Transmission Electron Microscopy
Transition areas identified by LM were selected for subsequent TEM-evaluation. They were subdivided in (1) regular matrix, (2) transition area in the strict sense, and (3) border area. 
The regular matrix (1) had a regular organization pattern consisting of fibrillar collagen in an essentially parallel orientation, interspersed with CB-positive structures at more or less regular intervals and oriented at various angles to the collagen fibers (Figs. 3B 4B)

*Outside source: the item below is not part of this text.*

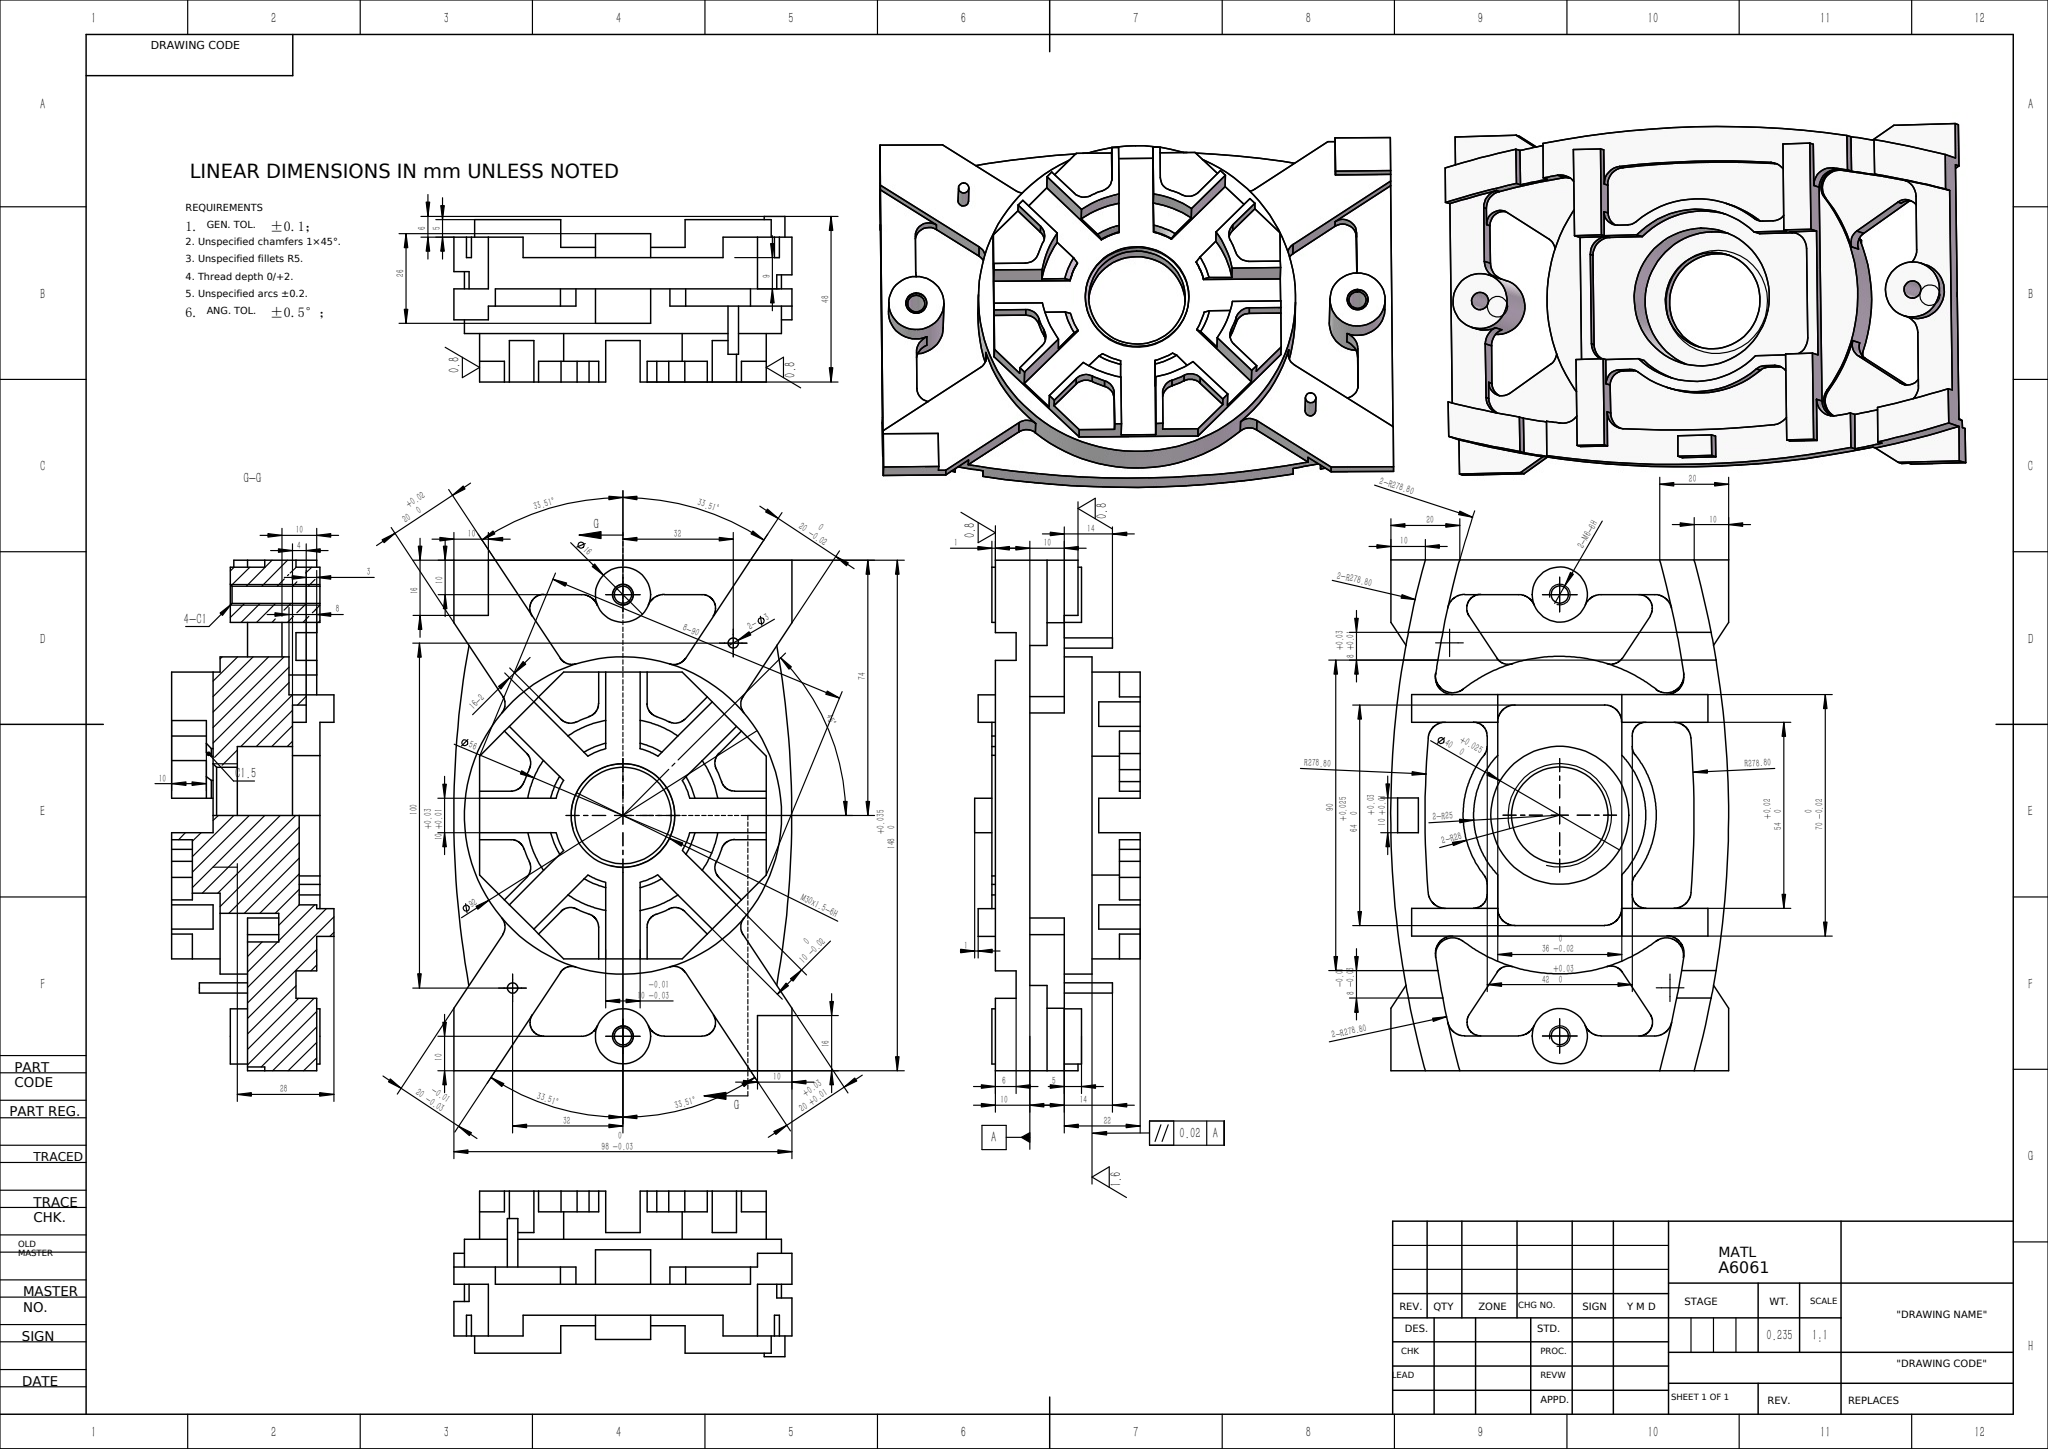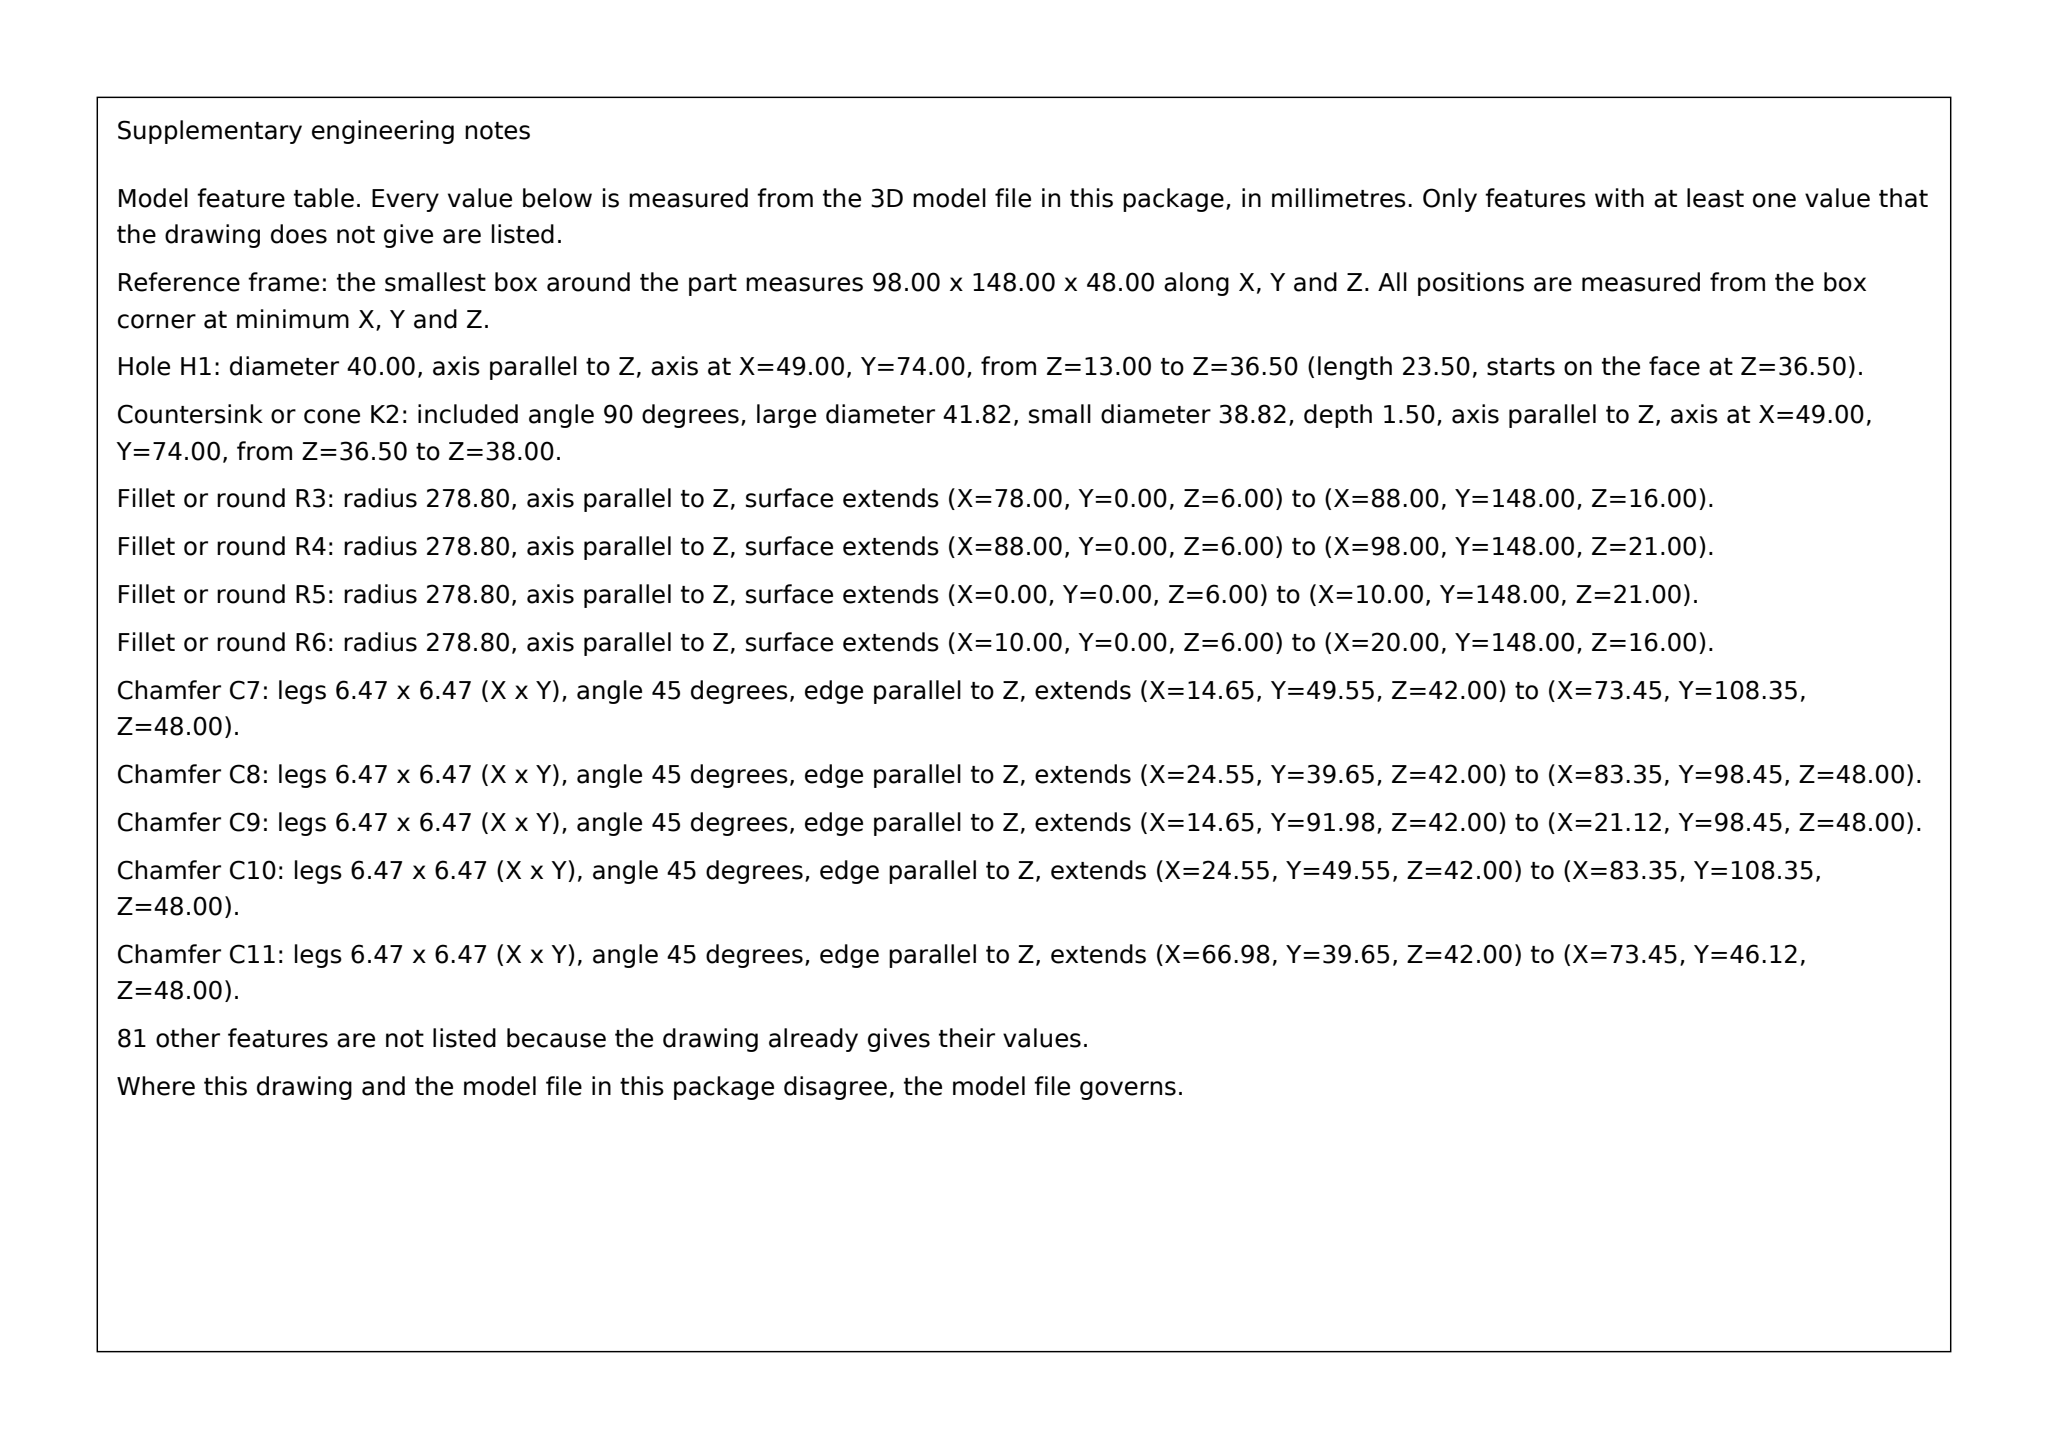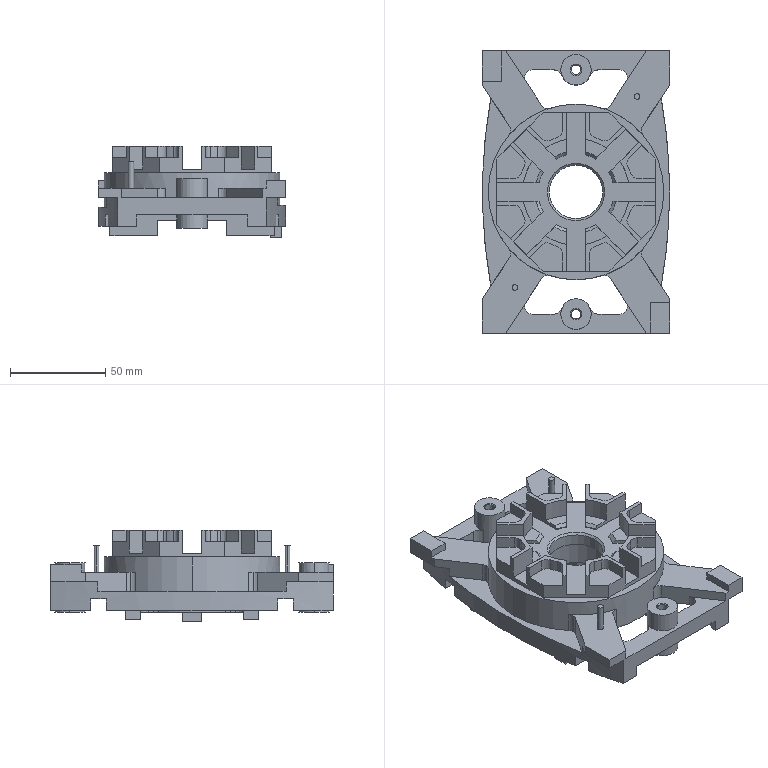Part | SolidWorks | mm | material A6061 | 1 solid | 315 faces | box 98 x 148 x 48 mm | volume 234929 mm3 | plane 171 | cylinder 130 | cone 14 | commonest cylinder face diameters 8 x42 10 x28 56 x11 40 x10 557.6 x10 44 x8 16 x6 5 x4

In transition areas (2), a decrease in the number of fibers and a decrease in the length of individual fibers (fragmentation) was observed. In addition, changes were observed in the distribution of PGs. Most strikingly, PGs lost their orderly distribution and formed aggregates alongside the collagen fragments. This phenomenon was most clearly seen (3) at the borders of the spaces (Figs. 3D 4D) . It could be appreciated more easily in the GMA-embedded specimens (Fig. 3) than in the Epon-embedded material (Fig. 4) , because ultrathin sections from the former were somewhat thicker than those from the latter and the GMA-material therefore contained more matrix components per section. In addition, a decrease in the number of PG molecules was observed. This was most clearly apparent in the Epon-embedded specimens (Fig. 4C) . The intravitreal spaces themselves appeared completely devoid of macromolecular components (Fig. 2) . Cupromeronic blue–positive structures were absent from chondroitinase ABC–treated specimens (not shown), which would be consistent with their chondroitin sulfate proteoglycan (CS-PG) nature. 20 21  
Neither by LM nor by TEM did we observe cells or cellular debris in transition areas between regular matrix and liquefied spaces in any of the specimens. 
Statistical Analysis
Interobserver variability, as tested by two-factor ANOVA, was observed only for clustering of PGs (P = 0.0006; Fig. 5 ). This was caused by a systematic higher score given by one of the observers (Fig. 5D) . On comparison of areas I and II, significant differences were observed in collagen density (P = 0.000002), collagen fragmentation (P = 0.00013), proteoglycan density (P = 0.00004), and clustering of PGs (P = 0.013; observer 1 vs. P = 0.0012; observer 2). On comparison of areas II and III, significant differences were observed in collagen density (P = 0.00054), proteoglycan density (P = 0.00056), and clustering of PGs (P = 0.00029; observer 1 vs. P = 0.003; observer 2). In this case, fragmentation of collagen was of borderline significance (P = 0.052). 
Discussion
In the present study, performed at LM and TEM levels, we found evidence of collagen breakdown and a loss of PGs in age-related vitreous liquefaction. Statistical analysis of the morphologic data strongly supports the impression obtained by morphologic evaluation, that there was a gradual decrease in collagen and proteoglycan densities from area I (regular matrix) toward area III (border of liquefied space). Also, a gradual increase in clustering of PGs from areas I to III was present. In addition, a statistically significant increase in collagen fragmentation was observed from areas I to II (transition area in the strict sense). A further increase in fragmentation was observed toward area III, but this increase is only of borderline significance (P = 0.052). 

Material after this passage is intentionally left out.